Processo: 15/17802-8
Modalidade de apoio:Bolsas no Brasil - Doutorado
Vigência (Início): 01 de dezembro de 2015
Vigência (Término): 30 de abril de 2019
Área do conhecimento:Ciências Agrárias - Zootecnia - Genética e Melhoramento dos Animais Domésticos
Pesquisador responsável:Simone Cristina Méo Niciura
Beneficiário:Marina Ibelli Pereira Rocha
Instituição Sede: Centro de Ciências Biológicas e da Saúde (CCBS). Universidade Federal de São Carlos (UFSCAR). São Carlos , SP, Brasil
Bolsa(s) vinculada(s):18/06785-3 - Perfil de metilação e análises de co-metilação em bovinos Nelore extremos para eficiência alimentar, BE.EP.DR
Assunto(s):Epigênese genética   Análise de sequência de RNA   Epigenômica   Consumo alimentar residual   Biologia molecular   Metilação
Palavra(s)-Chave do Pesquisador:Consumo alimentar residual | epigenética | Expressão alelo específica | metilação | RNA-seq | Biologia Molecular

Resumo

Devido à grande importância da pecuária para a economia brasileira, muitos são os estudos baseados no melhoramento e na seleção precoce de animais superiores para características de interesse, como eficiência alimentar (EA) e, mais especificamente, consumo alimentar residual (CAR).
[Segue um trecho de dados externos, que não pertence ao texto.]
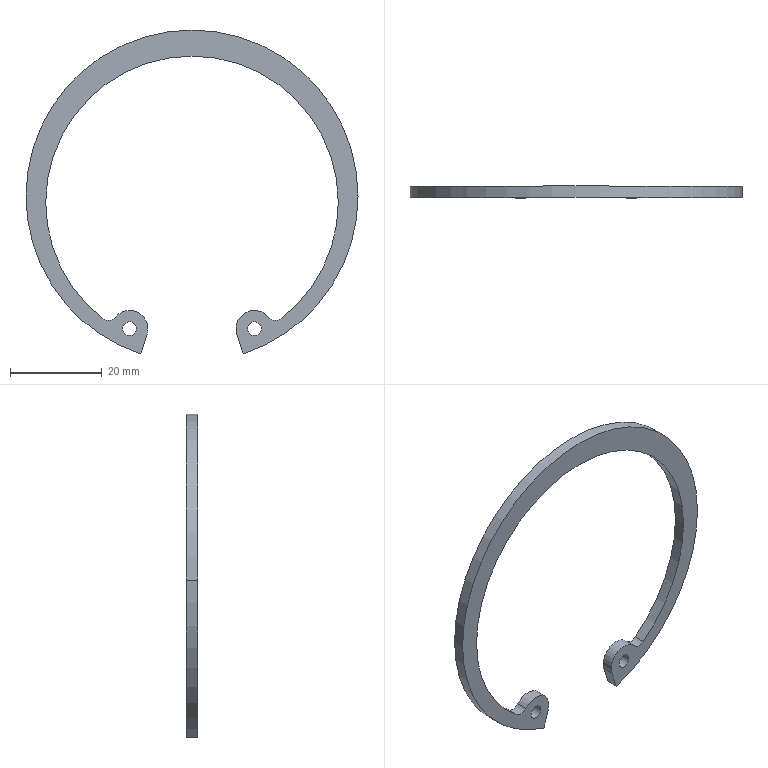Component | SolidWorks | BearingHousingAssembly-1_68HoleRetainingRing-1 | 1 solid | 19 faces | box 72.5 x 2.5 x 70.73 mm | volume 2284 mm3 | cylinder 15 | plane 4 | commonest cylinder face diameters 3 x4 72.5 x3 63.9 x3 8 x3 4 x2
STEP:
#1=CARTESIAN_POINT('',(-0.09511,7.097,-0.2362));
#2=VERTEX_POINT('',#1);
#3=CARTESIAN_POINT('',(-2.949,7.097,-0.2362));
#4=VERTEX_POINT('',#3);
#5=CARTESIAN_POINT('',(-1.522,7.097,-0.2362));
#6=DIRECTION('',(-0.,-1.,-0.));
#7=DIRECTION('',(1.,0.,-0.));
#8=AXIS2_PLACEMENT_3D('',#5,#6,#7);
#9=CIRCLE('',#8,1.427);
#10=EDGE_CURVE('',#2,#4,#9,.T.);
#11=ORIENTED_EDGE('',*,*,#10,.T.);
#12=CARTESIAN_POINT('',(-2.949,6.999,-0.2362));
#13=VERTEX_POINT('',#12);
#14=CARTESIAN_POINT('',(-2.949,7.097,-0.2362));
#15=DIRECTION('',(-0.,-1.,-0.));
#16=VECTOR('',#15,39.37);
#17=LINE('',#14,#16);
#18=EDGE_CURVE('',#4,#13,#17,.T.);
#19=ORIENTED_EDGE('',*,*,#18,.T.);
#20=CARTESIAN_POINT('',(-0.09511,6.999,-0.2362));
#21=VERTEX_POINT('',#20);
#22=CARTESIAN_POINT('',(-1.522,6.999,-0.2362));
#23=DIRECTION('',(0.,1.,0.));
#24=DIRECTION('',(1.,0.,-0.));
#25=AXIS2_PLACEMENT_3D('',#22,#23,#24);
#26=CIRCLE('',#25,1.427);
#27=EDGE_CURVE('',#13,#21,#26,.T.);
#28=ORIENTED_EDGE('',*,*,#27,.T.);
#29=CARTESIAN_POINT('',(-0.09511,7.097,-0.2362));
#30=DIRECTION('',(-0.,-1.,-0.));
#31=VECTOR('',#30,39.37);
#32=LINE('',#29,#31);
#33=EDGE_CURVE('',#2,#21,#32,.T.);
#34=ORIENTED_EDGE('',*,*,#33,.F.);
#35=EDGE_LOOP('',(#11,#19,#28,#34));
#36=FACE_OUTER_BOUND('',#35,.T.);
#37=CARTESIAN_POINT('',(-1.522,7.097,-0.2362));
#38=DIRECTION('',(-0.,-1.,-0.));
#39=DIRECTION('',(1.,0.,-0.));
#40=AXIS2_PLACEMENT_3D('',#37,#38,#39);
#41=CYLINDRICAL_SURFACE('',#40,1.427);
#42=ADVANCED_FACE('',(#36),#41,.T.);
#43=CARTESIAN_POINT('',(-1.081,7.097,-1.594));
#44=VERTEX_POINT('',#43);
#45=CARTESIAN_POINT('',(-1.522,7.097,-0.2362));
#46=DIRECTION('',(-0.,-1.,-0.));
#47=DIRECTION('',(1.,0.,-0.));
#48=AXIS2_PLACEMENT_3D('',#45,#46,#47);
#49=CIRCLE('',#48,1.427);
#50=EDGE_CURVE('',#44,#2,#49,.T.);
#51=ORIENTED_EDGE('',*,*,#50,.T.);
#52=ORIENTED_EDGE('',*,*,#33,.T.);
#53=CARTESIAN_POINT('',(-1.081,6.999,-1.594));
#54=VERTEX_POINT('',#53);
#55=CARTESIAN_POINT('',(-1.522,6.999,-0.2362));
#56=DIRECTION('',(0.,1.,0.));
#57=DIRECTION('',(1.,0.,-0.));
#58=AXIS2_PLACEMENT_3D('',#55,#56,#57);
#59=CIRCLE('',#58,1.427);
#60=EDGE_CURVE('',#21,#54,#59,.T.);
#61=ORIENTED_EDGE('',*,*,#60,.T.);
#62=CARTESIAN_POINT('',(-1.081,7.097,-1.594));
#63=DIRECTION('',(0.,1.,0.));
#64=VECTOR('',#63,39.37);
#65=LINE('',#62,#64);
#66=EDGE_CURVE('',#54,#44,#65,.T.);
#67=ORIENTED_EDGE('',*,*,#66,.T.);
#68=EDGE_LOOP('',(#51,#52,#61,#67));
#69=FACE_OUTER_BOUND('',#68,.T.);
#70=CARTESIAN_POINT('',(-1.522,7.097,-0.2362));
#71=DIRECTION('',(-0.,-1.,-0.));
#72=DIRECTION('',(1.,0.,-0.));
#73=AXIS2_PLACEMENT_3D('',#70,#71,#72);
#74=CYLINDRICAL_SURFACE('',#73,1.427);
#75=ADVANCED_FACE('',(#69),#74,.T.);
#76=CARTESIAN_POINT('',(-2.289,7.097,-1.289));
#77=VERTEX_POINT('',#76);
#78=CARTESIAN_POINT('',(-2.78,7.097,-0.2913));
#79=VERTEX_POINT('',#78);
#80=CARTESIAN_POINT('',(-1.522,7.097,-0.2913));
#81=DIRECTION('',(0.,1.,0.));
#82=DIRECTION('',(1.,0.,-0.));
#83=AXIS2_PLACEMENT_3D('',#80,#81,#82);
#84=CIRCLE('',#83,1.258);
#85=EDGE_CURVE('',#77,#79,#84,.T.);
#86=ORIENTED_EDGE('',*,*,#85,.T.);
#87=CARTESIAN_POINT('',(-2.78,6.999,-0.2913));
#88=VERTEX_POINT('',#87);
#89=CARTESIAN_POINT('',(-2.78,7.097,-0.2913));
#90=DIRECTION('',(-0.,-1.,-0.));
#91=VECTOR('',#90,39.37);
#92=LINE('',#89,#91);
#93=EDGE_CURVE('',#79,#88,#92,.T.);
#94=ORIENTED_EDGE('',*,*,#93,.T.);
#95=CARTESIAN_POINT('',(-2.289,6.999,-1.289));
#96=VERTEX_POINT('',#95);
#97=CARTESIAN_POINT('',(-1.522,6.999,-0.2913));
#98=DIRECTION('',(0.,1.,0.));
#99=DIRECTION('',(1.,0.,-0.));
#100=AXIS2_PLACEMENT_3D('',#97,#98,#99);
#101=CIRCLE('',#100,1.258);
#102=EDGE_CURVE('',#96,#88,#101,.T.);
#103=ORIENTED_EDGE('',*,*,#102,.F.);
#104=CARTESIAN_POINT('',(-2.289,7.097,-1.289));
#105=DIRECTION('',(-0.,-1.,-0.));
#106=VECTOR('',#105,39.37);
#107=LINE('',#104,#106);
#108=EDGE_CURVE('',#77,#96,#107,.T.);
#109=ORIENTED_EDGE('',*,*,#108,.F.);
#110=EDGE_LOOP('',(#86,#94,#103,#109));
#111=FACE_OUTER_BOUND('',#110,.T.);
#112=CARTESIAN_POINT('',(-1.522,7.097,-0.2913));
#113=DIRECTION('',(-0.,-1.,-0.));
#114=DIRECTION('',(1.,0.,-0.));
#115=AXIS2_PLACEMENT_3D('',#112,#113,#114);
#116=CYLINDRICAL_SURFACE('',#115,1.258);
#117=ADVANCED_FACE('',(#111),#116,.F.);
#118=ORIENTED_EDGE('',*,*,#93,.F.);
#119=CARTESIAN_POINT('',(-0.2644,7.097,-0.2913));
#120=VERTEX_POINT('',#119);
#121=CARTESIAN_POINT('',(-1.522,7.097,-0.2913));
#122=DIRECTION('',(0.,1.,0.));
#123=DIRECTION('',(1.,0.,-0.));
#124=AXIS2_PLACEMENT_3D('',#121,#122,#123);
#125=CIRCLE('',#124,1.258);
#126=EDGE_CURVE('',#79,#120,#125,.T.);
#127=ORIENTED_EDGE('',*,*,#126,.T.);
#128=CARTESIAN_POINT('',(-0.2644,6.999,-0.2913));
#129=VERTEX_POINT('',#128);
#130=CARTESIAN_POINT('',(-0.2644,7.097,-0.2913));
#131=DIRECTION('',(-0.,-1.,-0.));
#132=VECTOR('',#131,39.37);
#133=LINE('',#130,#132);
#134=EDGE_CURVE('',#120,#129,#133,.T.);
#135=ORIENTED_EDGE('',*,*,#134,.T.);
#136=CARTESIAN_POINT('',(-1.522,6.999,-0.2913));
#137=DIRECTION('',(0.,1.,0.));
#138=DIRECTION('',(1.,0.,-0.));
#139=AXIS2_PLACEMENT_3D('',#136,#137,#138);
#140=CIRCLE('',#139,1.258);
#141=EDGE_CURVE('',#88,#129,#140,.T.);
#142=ORIENTED_EDGE('',*,*,#141,.F.);
#143=EDGE_LOOP('',(#118,#127,#135,#142));
#144=FACE_OUTER_BOUND('',#143,.T.);
#145=CARTESIAN_POINT('',(-1.522,7.097,-0.2913));
#146=DIRECTION('',(-0.,-1.,-0.));
#147=DIRECTION('',(1.,0.,-0.));
#148=AXIS2_PLACEMENT_3D('',#145,#146,#147);
#149=CYLINDRICAL_SURFACE('',#148,1.258);
#150=ADVANCED_FACE('',(#144),#149,.F.);
#151=CARTESIAN_POINT('',(-1.909,7.097,-1.425));
#152=VERTEX_POINT('',#151);
#153=CARTESIAN_POINT('',(-1.901,7.097,-1.376));
#154=VERTEX_POINT('',#153);
#155=CARTESIAN_POINT('',(-2.058,7.097,-1.376));
#156=DIRECTION('',(-0.,-1.,-0.));
#157=DIRECTION('',(1.,0.,-0.));
#158=AXIS2_PLACEMENT_3D('',#155,#156,#157);
#159=CIRCLE('',#158,0.1575);
#160=EDGE_CURVE('',#152,#154,#159,.T.);
#161=ORIENTED_EDGE('',*,*,#160,.T.);
#162=CARTESIAN_POINT('',(-1.901,6.999,-1.376));
#163=VERTEX_POINT('',#162);
#164=CARTESIAN_POINT('',(-1.901,7.097,-1.376));
#165=DIRECTION('',(-0.,-1.,-0.));
#166=VECTOR('',#165,39.37);
#167=LINE('',#164,#166);
#168=EDGE_CURVE('',#154,#163,#167,.T.);
#169=ORIENTED_EDGE('',*,*,#168,.T.);
#170=CARTESIAN_POINT('',(-1.909,6.999,-1.425));
#171=VERTEX_POINT('',#170);
#172=CARTESIAN_POINT('',(-2.058,6.999,-1.376));
#173=DIRECTION('',(0.,1.,0.));
#174=DIRECTION('',(1.,0.,-0.));
#175=AXIS2_PLACEMENT_3D('',#172,#173,#174);
#176=CIRCLE('',#175,0.1575);
#177=EDGE_CURVE('',#163,#171,#176,.T.);
#178=ORIENTED_EDGE('',*,*,#177,.T.);
#179=CARTESIAN_POINT('',(-1.909,7.097,-1.425));
#180=DIRECTION('',(-0.,-1.,-0.));
#181=VECTOR('',#180,39.37);
#182=LINE('',#179,#181);
#183=EDGE_CURVE('',#152,#171,#182,.T.);
#184=ORIENTED_EDGE('',*,*,#183,.F.);
#185=EDGE_LOOP('',(#161,#169,#178,#184));
#186=FACE_OUTER_BOUND('',#185,.T.);
#187=CARTESIAN_POINT('',(-2.058,7.097,-1.376));
#188=DIRECTION('',(-0.,-1.,-0.));
#189=DIRECTION('',(1.,0.,-0.));
#190=AXIS2_PLACEMENT_3D('',#187,#188,#189);
#191=CYLINDRICAL_SURFACE('',#190,0.1575);
#192=ADVANCED_FACE('',(#186),#191,.T.);
#193=CARTESIAN_POINT('',(-0.9272,7.097,-1.376));
#194=VERTEX_POINT('',#193);
#195=CARTESIAN_POINT('',(-1.045,7.097,-1.376));
#196=VERTEX_POINT('',#195);
#197=CARTESIAN_POINT('',(-0.9862,7.097,-1.376));
#198=DIRECTION('',(0.,1.,0.));
#199=DIRECTION('',(1.,0.,-0.));
#200=AXIS2_PLACEMENT_3D('',#197,#198,#199);
#201=CIRCLE('',#200,0.05906);
#202=EDGE_CURVE('',#194,#196,#201,.T.);
#203=ORIENTED_EDGE('',*,*,#202,.T.);
#204=CARTESIAN_POINT('',(-1.045,6.999,-1.376));
#205=VERTEX_POINT('',#204);
#206=CARTESIAN_POINT('',(-1.045,7.097,-1.376));
#207=DIRECTION('',(-0.,-1.,-0.));
#208=VECTOR('',#207,39.37);
#209=LINE('',#206,#208);
#210=EDGE_CURVE('',#196,#205,#209,.T.);
#211=ORIENTED_EDGE('',*,*,#210,.T.);
#212=CARTESIAN_POINT('',(-0.9272,6.999,-1.376));
#213=VERTEX_POINT('',#212);
#214=CARTESIAN_POINT('',(-0.9862,6.999,-1.376));
#215=DIRECTION('',(0.,1.,0.));
#216=DIRECTION('',(1.,0.,-0.));
#217=AXIS2_PLACEMENT_3D('',#214,#215,#216);
#218=CIRCLE('',#217,0.05906);
#219=EDGE_CURVE('',#213,#205,#218,.T.);
#220=ORIENTED_EDGE('',*,*,#219,.F.);
#221=CARTESIAN_POINT('',(-0.9272,7.097,-1.376));
#222=DIRECTION('',(-0.,-1.,-0.));
#223=VECTOR('',#222,39.37);
#224=LINE('',#221,#223);
#225=EDGE_CURVE('',#194,#213,#224,.T.);
#226=ORIENTED_EDGE('',*,*,#225,.F.);
#227=EDGE_LOOP('',(#203,#211,#220,#226));
#228=FACE_OUTER_BOUND('',#227,.T.);
#229=CARTESIAN_POINT('',(-0.9862,7.097,-1.376));
#230=DIRECTION('',(-0.,-1.,-0.));
#231=DIRECTION('',(1.,0.,-0.));
#232=AXIS2_PLACEMENT_3D('',#229,#230,#231);
#233=CYLINDRICAL_SURFACE('',#232,0.05906);
#234=ADVANCED_FACE('',(#228),#233,.F.);
#235=CARTESIAN_POINT('',(-1.999,7.097,-1.376));
#236=VERTEX_POINT('',#235);
#237=CARTESIAN_POINT('',(-2.117,7.097,-1.376));
#238=VERTEX_POINT('',#237);
#239=CARTESIAN_POINT('',(-2.058,7.097,-1.376));
#240=DIRECTION('',(0.,1.,0.));
#241=DIRECTION('',(1.,0.,-0.));
#242=AXIS2_PLACEMENT_3D('',#239,#240,#241);
#243=CIRCLE('',#242,0.05906);
#244=EDGE_CURVE('',#236,#238,#243,.T.);
#245=ORIENTED_EDGE('',*,*,#244,.T.);
#246=CARTESIAN_POINT('',(-2.117,6.999,-1.376));
#247=VERTEX_POINT('',#246);
#248=CARTESIAN_POINT('',(-2.117,7.097,-1.376));
#249=DIRECTION('',(-0.,-1.,-0.));
#250=VECTOR('',#249,39.37);
#251=LINE('',#248,#250);
#252=EDGE_CURVE('',#238,#247,#251,.T.);
#253=ORIENTED_EDGE('',*,*,#252,.T.);
#254=CARTESIAN_POINT('',(-1.999,6.999,-1.376));
#255=VERTEX_POINT('',#254);
#256=CARTESIAN_POINT('',(-2.058,6.999,-1.376));
#257=DIRECTION('',(0.,1.,0.));
#258=DIRECTION('',(1.,0.,-0.));
#259=AXIS2_PLACEMENT_3D('',#256,#257,#258);
#260=CIRCLE('',#259,0.05906);
#261=EDGE_CURVE('',#255,#247,#260,.T.);
#262=ORIENTED_EDGE('',*,*,#261,.F.);
#263=CARTESIAN_POINT('',(-1.999,7.097,-1.376));
#264=DIRECTION('',(-0.,-1.,-0.));
#265=VECTOR('',#264,39.37);
#266=LINE('',#263,#265);
#267=EDGE_CURVE('',#236,#255,#266,.T.);
#268=ORIENTED_EDGE('',*,*,#267,.F.);
#269=EDGE_LOOP('',(#245,#253,#262,#268));
#270=FACE_OUTER_BOUND('',#269,.T.);
#271=CARTESIAN_POINT('',(-2.058,7.097,-1.376));
#272=DIRECTION('',(-0.,-1.,-0.));
#273=DIRECTION('',(1.,0.,-0.));
#274=AXIS2_PLACEMENT_3D('',#271,#272,#273);
#275=CYLINDRICAL_SURFACE('',#274,0.05906);
#276=ADVANCED_FACE('',(#270),#275,.F.);
#277=CARTESIAN_POINT('',(-1.136,7.097,-1.425));
#278=VERTEX_POINT('',#277);
#279=CARTESIAN_POINT('',(-1.136,7.097,-1.425));
#280=DIRECTION('',(0.309,-0.,-0.9511));
#281=VECTOR('',#280,39.37);
#282=LINE('',#279,#281);
#283=EDGE_CURVE('',#278,#44,#282,.T.);
#284=ORIENTED_EDGE('',*,*,#283,.F.);
#285=CARTESIAN_POINT('',(-0.8646,7.097,-1.276));
#286=VERTEX_POINT('',#285);
#287=CARTESIAN_POINT('',(-0.9862,7.097,-1.376));
#288=DIRECTION('',(-0.,-1.,-0.));
#289=DIRECTION('',(1.,0.,-0.));
#290=AXIS2_PLACEMENT_3D('',#287,#288,#289);
#291=CIRCLE('',#290,0.1575);
#292=EDGE_CURVE('',#286,#278,#291,.T.);
#293=ORIENTED_EDGE('',*,*,#292,.F.);
#294=CARTESIAN_POINT('',(-0.7558,7.097,-1.289));
#295=VERTEX_POINT('',#294);
#296=CARTESIAN_POINT('',(-0.8038,7.097,-1.226));
#297=DIRECTION('',(0.,1.,0.));
#298=DIRECTION('',(1.,0.,-0.));
#299=AXIS2_PLACEMENT_3D('',#296,#297,#298);
#300=CIRCLE('',#299,0.07874);
#301=EDGE_CURVE('',#295,#286,#300,.T.);
#302=ORIENTED_EDGE('',*,*,#301,.F.);
#303=CARTESIAN_POINT('',(-1.522,7.097,-0.2913));
#304=DIRECTION('',(0.,1.,0.));
#305=DIRECTION('',(1.,0.,-0.));
#306=AXIS2_PLACEMENT_3D('',#303,#304,#305);
#307=CIRCLE('',#306,1.258);
#308=EDGE_CURVE('',#120,#295,#307,.T.);
#309=ORIENTED_EDGE('',*,*,#308,.F.);
#310=ORIENTED_EDGE('',*,*,#126,.F.);
#311=ORIENTED_EDGE('',*,*,#85,.F.);
#312=CARTESIAN_POINT('',(-2.18,7.097,-1.276));
#313=VERTEX_POINT('',#312);
#314=CARTESIAN_POINT('',(-2.241,7.097,-1.226));
#315=DIRECTION('',(0.,1.,0.));
#316=DIRECTION('',(1.,0.,-0.));
#317=AXIS2_PLACEMENT_3D('',#314,#315,#316);
#318=CIRCLE('',#317,0.07874);
#319=EDGE_CURVE('',#313,#77,#318,.T.);
#320=ORIENTED_EDGE('',*,*,#319,.F.);
#321=CARTESIAN_POINT('',(-2.058,7.097,-1.376));
#322=DIRECTION('',(-0.,-1.,-0.));
#323=DIRECTION('',(1.,0.,-0.));
#324=AXIS2_PLACEMENT_3D('',#321,#322,#323);
#325=CIRCLE('',#324,0.1575);
#326=EDGE_CURVE('',#154,#313,#325,.T.);
#327=ORIENTED_EDGE('',*,*,#326,.F.);
#328=ORIENTED_EDGE('',*,*,#160,.F.);
#329=CARTESIAN_POINT('',(-1.963,7.097,-1.594));
#330=VERTEX_POINT('',#329);
#331=CARTESIAN_POINT('',(-1.963,7.097,-1.594));
#332=DIRECTION('',(0.309,-0.,0.9511));
#333=VECTOR('',#332,39.37);
#334=LINE('',#331,#333);
#335=EDGE_CURVE('',#330,#152,#334,.T.);
#336=ORIENTED_EDGE('',*,*,#335,.F.);
#337=CARTESIAN_POINT('',(-1.522,7.097,-0.2362));
#338=DIRECTION('',(-0.,-1.,-0.));
#339=DIRECTION('',(1.,0.,-0.));
#340=AXIS2_PLACEMENT_3D('',#337,#338,#339);
#341=CIRCLE('',#340,1.427);
#342=EDGE_CURVE('',#4,#330,#341,.T.);
#343=ORIENTED_EDGE('',*,*,#342,.F.);
#344=ORIENTED_EDGE('',*,*,#10,.F.);
#345=ORIENTED_EDGE('',*,*,#50,.F.);
#346=EDGE_LOOP('',(#284,#293,#302,#309,#310,#311,#320,#327,#328,#336,#343,#344,#345));
#347=FACE_OUTER_BOUND('',#346,.T.);
#348=ORIENTED_EDGE('',*,*,#202,.F.);
#349=CARTESIAN_POINT('',(-0.9862,7.097,-1.376));
#350=DIRECTION('',(0.,1.,0.));
#351=DIRECTION('',(1.,0.,-0.));
#352=AXIS2_PLACEMENT_3D('',#349,#350,#351);
#353=CIRCLE('',#352,0.05906);
#354=EDGE_CURVE('',#196,#194,#353,.T.);
#355=ORIENTED_EDGE('',*,*,#354,.F.);
#356=EDGE_LOOP('',(#348,#355));
#357=FACE_BOUND('',#356,.T.);
#358=ORIENTED_EDGE('',*,*,#244,.F.);
#359=CARTESIAN_POINT('',(-2.058,7.097,-1.376));
#360=DIRECTION('',(0.,1.,0.));
#361=DIRECTION('',(1.,0.,-0.));
#362=AXIS2_PLACEMENT_3D('',#359,#360,#361);
#363=CIRCLE('',#362,0.05906);
#364=EDGE_CURVE('',#238,#236,#363,.T.);
#365=ORIENTED_EDGE('',*,*,#364,.F.);
#366=EDGE_LOOP('',(#358,#365));
#367=FACE_BOUND('',#366,.T.);
#368=CARTESIAN_POINT('',(-1.522,7.097,-0.2362));
#369=DIRECTION('',(-0.,-1.,-0.));
#370=DIRECTION('',(1.,-0.,-0.));
#371=AXIS2_PLACEMENT_3D('',#368,#369,#370);
#372=PLANE('',#371);
#373=ADVANCED_FACE('',(#347,#357,#367),#372,.F.);
#374=ORIENTED_EDGE('',*,*,#18,.F.);
#375=ORIENTED_EDGE('',*,*,#342,.T.);
#376=CARTESIAN_POINT('',(-1.963,6.999,-1.594));
#377=VERTEX_POINT('',#376);
#378=CARTESIAN_POINT('',(-1.963,7.097,-1.594));
#379=DIRECTION('',(0.,1.,0.));
#380=VECTOR('',#379,39.37);
#381=LINE('',#378,#380);
#382=EDGE_CURVE('',#377,#330,#381,.T.);
#383=ORIENTED_EDGE('',*,*,#382,.F.);
#384=CARTESIAN_POINT('',(-1.522,6.999,-0.2362));
#385=DIRECTION('',(0.,1.,0.));
#386=DIRECTION('',(1.,0.,-0.));
#387=AXIS2_PLACEMENT_3D('',#384,#385,#386);
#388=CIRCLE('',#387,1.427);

Os recentes avanços no estudo do genoma, especialmente em métodos de sequenciamento de nova geração de DNA e RNA (RNA-seq), têm ajudado na compreensão dos mecanismos de regulação da expressão gênica e, consequentemente, da biologia dessas características. O estudo do epigenoma adiciona muitas informações à relação entre genótipo, ambiente e fenótipo. Diferenças na metilação entre alelos podem contribuir para a expressão diferencial e estudos demonstraram que a expressão alelo específica (EAE), está associada à metilação alelo específica (MAE). Além disso, a análise epigenética ampla é necessária para, juntamente com os dados de GWAS (genome wide association study), integrar os dados de SNPs e haplótipos com EAE e MAE. Assim, o presente projeto tem como objetivo analisar o perfil de EAE ao longo do transcriptoma, em fígado, e comparar esse perfil entre animais com fenótipos extremos para o CAR. Além disso, analisar o metiloma para identificação de regiões diferencialmente metiladas (RDM) entre os animais com fenótipos extremos. Os resultados obtidos serão integrados a dados prévios de GWAS e de genes diferencialmente expressos. A análise da metilação será realizada com o enriquecimento do DNA metilado por imunoprecipitação, tratamento com bissulfito de sódio e sequenciamento no HiSeq2000 (Illumina). Portanto, o desenvolvimento deste projeto irá adicionar novas camadas de informação aos resultados já obtidos permitindo maior enriquecendo das informações utilizadas para o melhoramento e seleção animal.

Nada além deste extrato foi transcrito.